Lawrence Lessig blasts expropriation of creators by Lucasfilm in the Star Wars remix project

An important editorial by Lessig in the Washington Post , in which he blames the advice of lawyers for the practice of ‘sharecropping’ creators.

A significant excerpt, calling for a new approach by the legal profession:

“Upload a remix and George Lucas, and only Lucas, is free to include it on his Web site or in his next movie, with no compensation to the creator. You are not even permitted to post it on YouTube. Upload a particularly good image as part of your remix, and Lucas is free to use it commercially with no compensation to the creator. The remixer is allowed to work, but the product of his work is not his. Put in terms appropriately (for Hollywood) over the top: The remixer becomes the sharecropper of the digital age.

Lucas is of course free, subject to “fair use,” to do whatever he wants with his creative work. The law of copyright grants him an exclusive right to “derivatives”; a remix is plainly a derivative. And it’s true that no one is forcing anyone to make a remix for free.
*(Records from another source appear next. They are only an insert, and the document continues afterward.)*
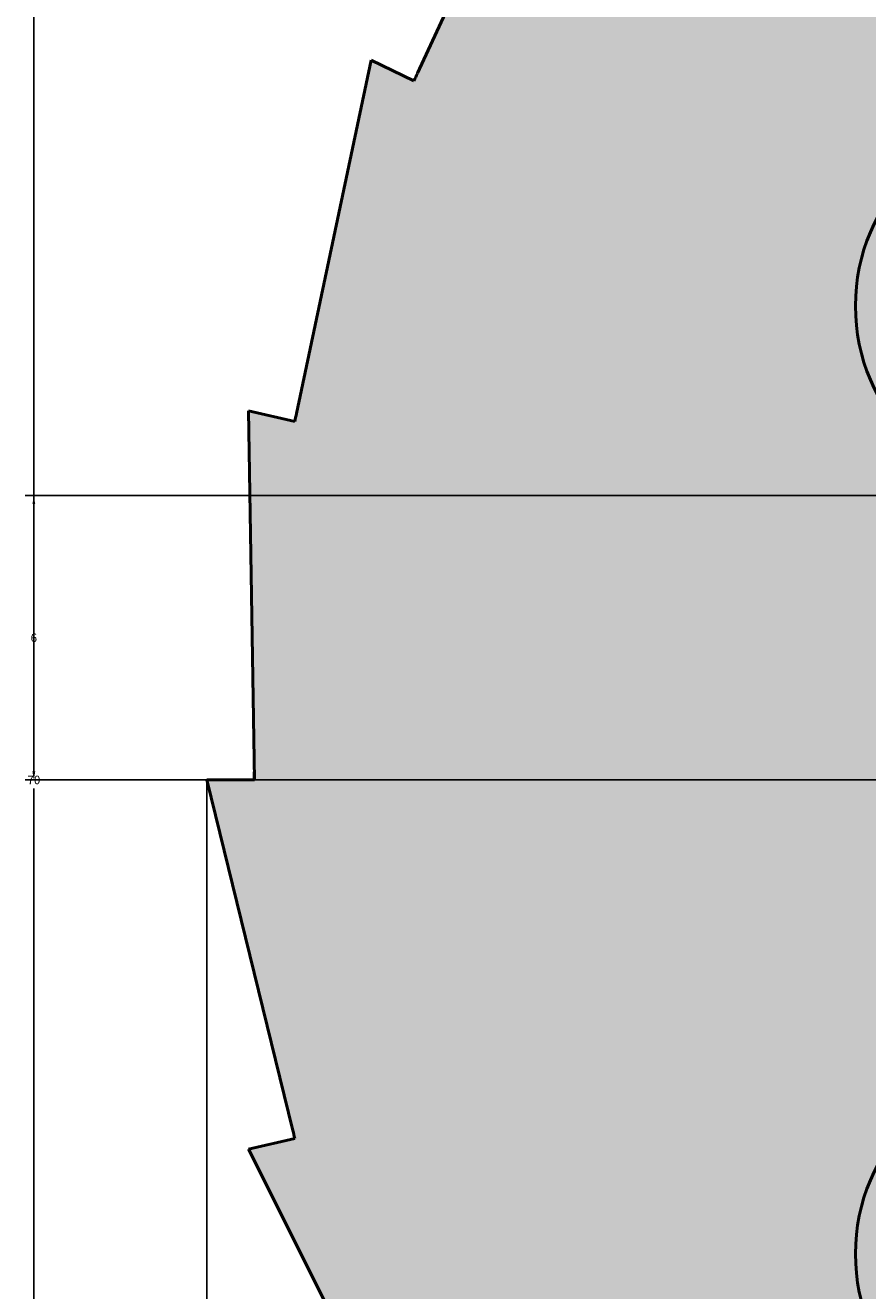
# Model space of a CAD drawing. Units: millimetres. Extents: x 2943.6 to 3032.7, y 1562 to 1639.7.
# Tile 3 of 9: x 2943.6 to 2961.4, y 1590.1 to 1616.8. Entities that reach past the tile are written whole.
import ezdxf

# ---------------------------------------------------------------- set-up
doc = ezdxf.new("R2010")
doc.units = ezdxf.units.MM
doc.layers.add('M-DIMS', color=2, linetype='Continuous', lineweight=18)
doc.layers.add('M-OUTL', color=7, linetype='Continuous', lineweight=50)
doc.layers.add('M-HATC', color=7, linetype='Continuous', lineweight=18, true_color=0xffffff)
doc.styles.get("Standard").update_dxf_attribs({"font": 'arial.ttf'})
doc.dimstyles.get("Standard").update_dxf_attribs({"dimtxt": 0.18, "dimasz": 0.18, "dimexe": 0.18, "dimexo": 0.0625, "dimgap": 0.09, "dimtad": 0, "dimtih": 1, "dimtoh": 1, "dimdec": 4, "dimzin": 0, "dimdsep": 46, "dimtxsty": 'Standard', "dimcen": 0.09, "dimadec": 0, "dimazin": 0, "dimtfac": 1, "dimtdec": 4, "dimtofl": 0, "dimtmove": 0, "dimatfit": 3, "dimfxl": 1, "dimtolj": 1, "dimtzin": 0, "dimarcsym": 0})

# ---------------------------------------------------------------- blocks, each defined once
blk = doc.blocks.new('*U1')
blk.add_circle((0, 0), 4)
blk = doc.blocks.new('*U2')
at = {"layer": 'M-OUTL', "color": 0, "linetype": 'ByBlock', "lineweight": -2, "transparency": 16777216}
for p, rotation in [((2965.149, 1610.848), 59.99999999999999), ((2965.149, 1590.848), 120)]:
    blk.add_blockref('*U1', p, dxfattribs=dict(at, rotation=rotation))
blk = doc.blocks.new('*D3')
at = {"layer": 'Defpoints', "color": 0, "transparency": 16777216}
for p in [(2947.469, 1600.848), (3017.469, 1600.848), (3017.469, 1562.198)]:
    blk.add_point(p, dxfattribs=at)
at = {"layer": 'M-DIMS', "color": 0, "lineweight": -2, "transparency": 16777216}
for p, q in [((2947.469, 1600.786), (2947.469, 1562.018)), ((3017.469, 1600.786), (3017.469, 1562.018)), ((2947.649, 1562.198), (2982.251, 1562.198)), ((3017.289, 1562.198), (2982.687, 1562.198))]:
    blk.add_line(p, q, dxfattribs=at)
at = {"layer": 'M-DIMS', "color": 0, "transparency": 16777216}
for points in [[(2947.649, 1562.228), (2947.649, 1562.168), (2947.469, 1562.198)], [(3017.289, 1562.228), (3017.289, 1562.168), (3017.469, 1562.198)]]:
    blk.add_solid(points, dxfattribs=at)
at = {"layer": 'M-DIMS', "color": 0, "transparency": 16777216, "insert": (2982.469, 1562.198), "char_height": 0.18, "attachment_point": 5}
blk.add_mtext('\\A1;70', dxfattribs=at)
blk = doc.blocks.new('*D4')
at = {"layer": 'Defpoints', "color": 0, "transparency": 16777216}
for p in [(2943.819, 1635.848), (2982.469, 1635.848), (2982.469, 1565.848)]:
    blk.add_point(p, dxfattribs=at)
at = {"layer": 'M-DIMS', "color": 0, "lineweight": -2, "transparency": 16777216}
for p, q in [((2982.407, 1635.848), (2943.639, 1635.848)), ((2943.819, 1635.668), (2943.819, 1601.03)), ((2943.819, 1566.028), (2943.819, 1600.666)), ((2982.407, 1565.848), (2943.639, 1565.848))]:
    blk.add_line(p, q, dxfattribs=at)
at = {"layer": 'M-DIMS', "color": 0, "transparency": 16777216}
for points in [[(2943.789, 1635.668), (2943.849, 1635.668), (2943.819, 1635.848)], [(2943.789, 1566.028), (2943.849, 1566.028), (2943.819, 1565.848)]]:
    blk.add_solid(points, dxfattribs=at)
at = {"layer": 'M-DIMS', "color": 0, "transparency": 16777216, "insert": (2943.819, 1600.848), "char_height": 0.18, "attachment_point": 5}
blk.add_mtext('\\A1;70', dxfattribs=at)
blk = doc.blocks.new('*D9')
at = {"layer": 'Defpoints', "color": 0, "transparency": 16777216}
for p in [(2943.819, 1606.848), (2981.469, 1606.848), (2982.469, 1600.848)]:
    blk.add_point(p, dxfattribs=at)
at = {"layer": 'M-DIMS', "color": 0, "lineweight": -2, "transparency": 16777216}
for p, q in [((2981.407, 1606.848), (2943.639, 1606.848)), ((2943.819, 1606.668), (2943.819, 1604.03)), ((2943.819, 1601.028), (2943.819, 1603.666)), ((2982.407, 1600.848), (2943.639, 1600.848))]:
    blk.add_line(p, q, dxfattribs=at)
at = {"layer": 'M-DIMS', "color": 0, "transparency": 16777216}
for points in [[(2943.789, 1606.668), (2943.849, 1606.668), (2943.819, 1606.848)], [(2943.789, 1601.028), (2943.849, 1601.028), (2943.819, 1600.848)]]:
    blk.add_solid(points, dxfattribs=at)
at = {"layer": 'M-DIMS', "color": 0, "transparency": 16777216, "insert": (2943.819, 1603.848), "char_height": 0.18, "attachment_point": 5}
blk.add_mtext('\\A1;6', dxfattribs=at)

msp = doc.modelspace()

# ---------------------------------------------------------------- hatches: boundary and pattern name
at = {"layer": 'M-HATC'}
h = msp.add_hatch(color=256, dxfattribs=at)
h.set_gradient(color1=(0, 0, 255), color2=(255, 255, 0), tint=1, name='INVCURVED')
h.paths.add_polyline_path([(2949.361, 1608.583, 0.001279), (2949.322, 1608.414), (2948.347, 1608.637), (2948.473, 1600.848), (2947.469, 1600.848), (2949.283, 1593.452, 0.001279), (2949.322, 1593.283), (2948.347, 1593.06), (2951.761, 1586.253, 0.001279), (2951.836, 1586.096), (2950.935, 1585.662), (2955.779, 1579.786, 0.001279), (2955.887, 1579.65), (2955.105, 1579.026), (2961.135, 1574.375, 0.001279), (2961.271, 1574.266), (2960.647, 1573.484), (2967.561, 1570.291, 0.001279), (2967.717, 1570.215), (2967.283, 1569.314), (2974.734, 1567.74, 0.001279), (2974.904, 1567.701), (2974.681, 1566.726), (2982.295, 1566.849, 0.001279), (2982.469, 1566.848), (2982.469, 1565.848), (2989.865, 1567.662, 0.001279), (2990.035, 1567.701), (2990.258, 1566.726), (2997.064, 1570.14, 0.001279), (2997.221, 1570.215), (2997.655, 1569.314), (3003.532, 1574.158, 0.001279), (3003.668, 1574.266), (3004.291, 1573.484), (3008.943, 1579.514, 0.001279), (3009.052, 1579.65), (3009.833, 1579.026), (3013.026, 1585.94, 0.001279), (3013.102, 1586.096), (3014.003, 1585.662), (3015.578, 1593.113, 0.001279), (3015.617, 1593.283), (3016.592, 1593.06), (3016.469, 1600.674, 0.001279), (3016.469, 1600.848), (3017.469, 1600.848), (3015.655, 1608.244, 0.001279), (3015.617, 1608.414), (3016.592, 1608.637), (3013.177, 1615.443, 0.001279), (3013.102, 1615.6), (3014.003, 1616.034), (3009.16, 1621.911, 0.001279), (3009.052, 1622.047), (3009.833, 1622.67), (3003.804, 1627.322, 0.001279), (3003.668, 1627.431), (3004.291, 1628.212), (2997.378, 1631.405, 0.001279), (2997.221, 1631.481), (2997.655, 1632.382), (2990.204, 1633.957, 0.001279), (2990.035, 1633.996), (2990.258, 1634.971), (2982.469, 1634.845), (2982.469, 1635.848), (2975.073, 1634.034, 0.001279), (2974.904, 1633.996), (2974.681, 1634.971), (2967.874, 1631.556, 0.001279), (2967.717, 1631.481), (2967.283, 1632.382), (2961.407, 1627.539, 0.001279), (2961.271, 1627.431), (2960.647, 1628.212), (2955.996, 1622.183, 0.001279), (2955.887, 1622.047), (2955.105, 1622.67), (2951.912, 1615.757, 0.001279), (2951.836, 1615.6), (2950.935, 1616.034)])
h.paths.add_polyline_path([(2969.149, 1610.848, -1), (2961.149, 1610.848, -1)], flags=16)
h.paths.add_polyline_path([(2969.149, 1590.848, -1), (2961.149, 1590.848, -1)], flags=16)
h.paths.add_polyline_path([(2992.469, 1600.848, -1), (2972.469, 1600.848, -1)], flags=16)
h.paths.add_polyline_path([(2978.469, 1620.848, -1), (2986.469, 1620.848, -1)], flags=16)
h.paths.add_polyline_path([(2981.469, 1605.236), (2981.469, 1606.848), (2983.469, 1606.848), (2983.469, 1605.236, -8.887482)], flags=0)
h.paths.add_polyline_path([(2986.469, 1580.848, -1), (2978.469, 1580.848, -1)], flags=16)
h.paths.add_polyline_path([(3003.79, 1610.848, -1), (2995.79, 1610.848, -1)], flags=16)
h.paths.add_polyline_path([(3003.79, 1590.848, -1), (2995.79, 1590.848, -1)], flags=16)
h = msp.add_hatch(color=256, dxfattribs=at)
h.paths.add_polyline_path([(2978.469, 1620.848, 1), (2986.469, 1620.848, 1)])
h.paths.add_polyline_path([(2995.79, 1610.848, 1), (3003.79, 1610.848, 1)])
h.paths.add_polyline_path([(3003.79, 1590.848, 1), (2995.79, 1590.848, 1)])
h.paths.add_polyline_path([(2986.469, 1580.848, 1), (2978.469, 1580.848, 1)])
h.paths.add_polyline_path([(2969.149, 1590.848, 1), (2961.149, 1590.848, 1)])
h.paths.add_polyline_path([(2961.149, 1610.848, 1), (2969.149, 1610.848, 1)])

# ---------------------------------------------------------------- linework, layer by layer
at = {"layer": 'M-OUTL'}
for p, q in [((2951.912, 1615.757), (2955.105, 1622.67)), ((2949.361, 1608.583), (2950.935, 1616.034)), ((2951.836, 1615.6), (2950.935, 1616.034)), ((2949.322, 1608.414), (2948.347, 1608.637)), ((2948.473, 1600.848), (2948.347, 1608.637)), ((2947.469, 1600.848), (2948.473, 1600.848)), ((2948.469, 1600.848), (2947.469, 1600.848)), ((2949.283, 1593.452), (2947.469, 1600.848)), ((2949.322, 1593.283), (2948.347, 1593.06)), ((2951.761, 1586.253), (2948.347, 1593.06))]:
    msp.add_line(p, q, dxfattribs=at)
for start, end in [(153.9926, 154.2857), (166.8498, 167.1429), (179.7069, 180), (192.564, 192.8571)]:
    msp.add_arc((2982.469, 1600.848), 34, start, end, dxfattribs=at)

# ---------------------------------------------------------------- block references
msp.add_blockref('*U2', (0, 0), dxfattribs=at)

# ---------------------------------------------------------------- dimensions: what is measured, and where the dimension line sits
at = {"layer": 'M-DIMS'}
for base, p1, p2, picture, middle in [((2943.819, 1635.848), (2982.469, 1565.848), (2982.469, 1635.848), '*D4', (2943.819, 1600.848)), ((2943.819, 1606.848), (2982.469, 1600.848), (2981.469, 1606.848), '*D9', (2943.819, 1603.848))]:
    dim = msp.add_linear_dim(base=base, p1=p1, p2=p2, angle=90, dimstyle='Standard', override={"dimdec": 0, "dimlfac": 1, "dimrnd": 0, "dimzin": 0, "dimdsep": 46, "dimlunit": 2}, dxfattribs=at)
    dim.commit()
    dim.dimension.update_dxf_attribs({"geometry": picture, "text_midpoint": middle})
dim = msp.add_linear_dim(base=(3017.469, 1562.198), p1=(2947.469, 1600.848), p2=(3017.469, 1600.848), dimstyle='Standard', override={"dimdec": 0, "dimlfac": 1, "dimrnd": 0, "dimzin": 0, "dimdsep": 46, "dimlunit": 2}, dxfattribs=at)
dim.commit()
dim.dimension.update_dxf_attribs({"geometry": '*D3', "text_midpoint": (2982.469, 1562.198)})

doc.saveas('drawing.dxf')

Yet as anyone watching this industry knows, there is a deep divide between those who believe that obsessive control is the hybrid’s path to profit and those who believe that freer access will build stronger, more profitable ties. Predictably, on the Vader-side of control is often a gaggle of lawyers who continue to act as though nothing interesting has changed in copyright law since the time of John Philip Sousa. These lawyers counsel their clients that control is always better. They ridicule efforts to strike a different balance with the army of creators being called into the service of their clients. It is for the privilege of getting to remix a 30-year-old series that these new creators are told they must waive any rights of their own. They should be happy with whatever they get (especially as most of them are probably “pirates” anyway).

Lawyers never face an opening weekend. Like law professors, their advice lives largely protected from the market. They justify what they do in terms of “right and wrong,” while everyone else has to justify their work in terms of profit. They move slowly, and deliberately. If you listen carefully, sometimes you can even hear them breathe.

A decade from now, this Vaderesque advice will look as silly as the advice lawyers gave the recording industry a decade ago. New entrants, not as obsessed with total control, will generate radically more successful remix markets. The people who spend hundreds of hours creating this new work will flock to places and companies where their integrity as creators is respected. As every revolution in democratizing technologies since the beginning of time has demonstrated, victory goes to those who embrace with respect the new creators.

Hybrids are an important future of Internet growth. Businesses will have to think carefully about which terms will excite the masses to work for them for free. Competition will help define these terms. But if one more lawyer protected from the market may be permitted a prediction, I suggest sharecropping will not survive long as a successful strategy for the remixer.”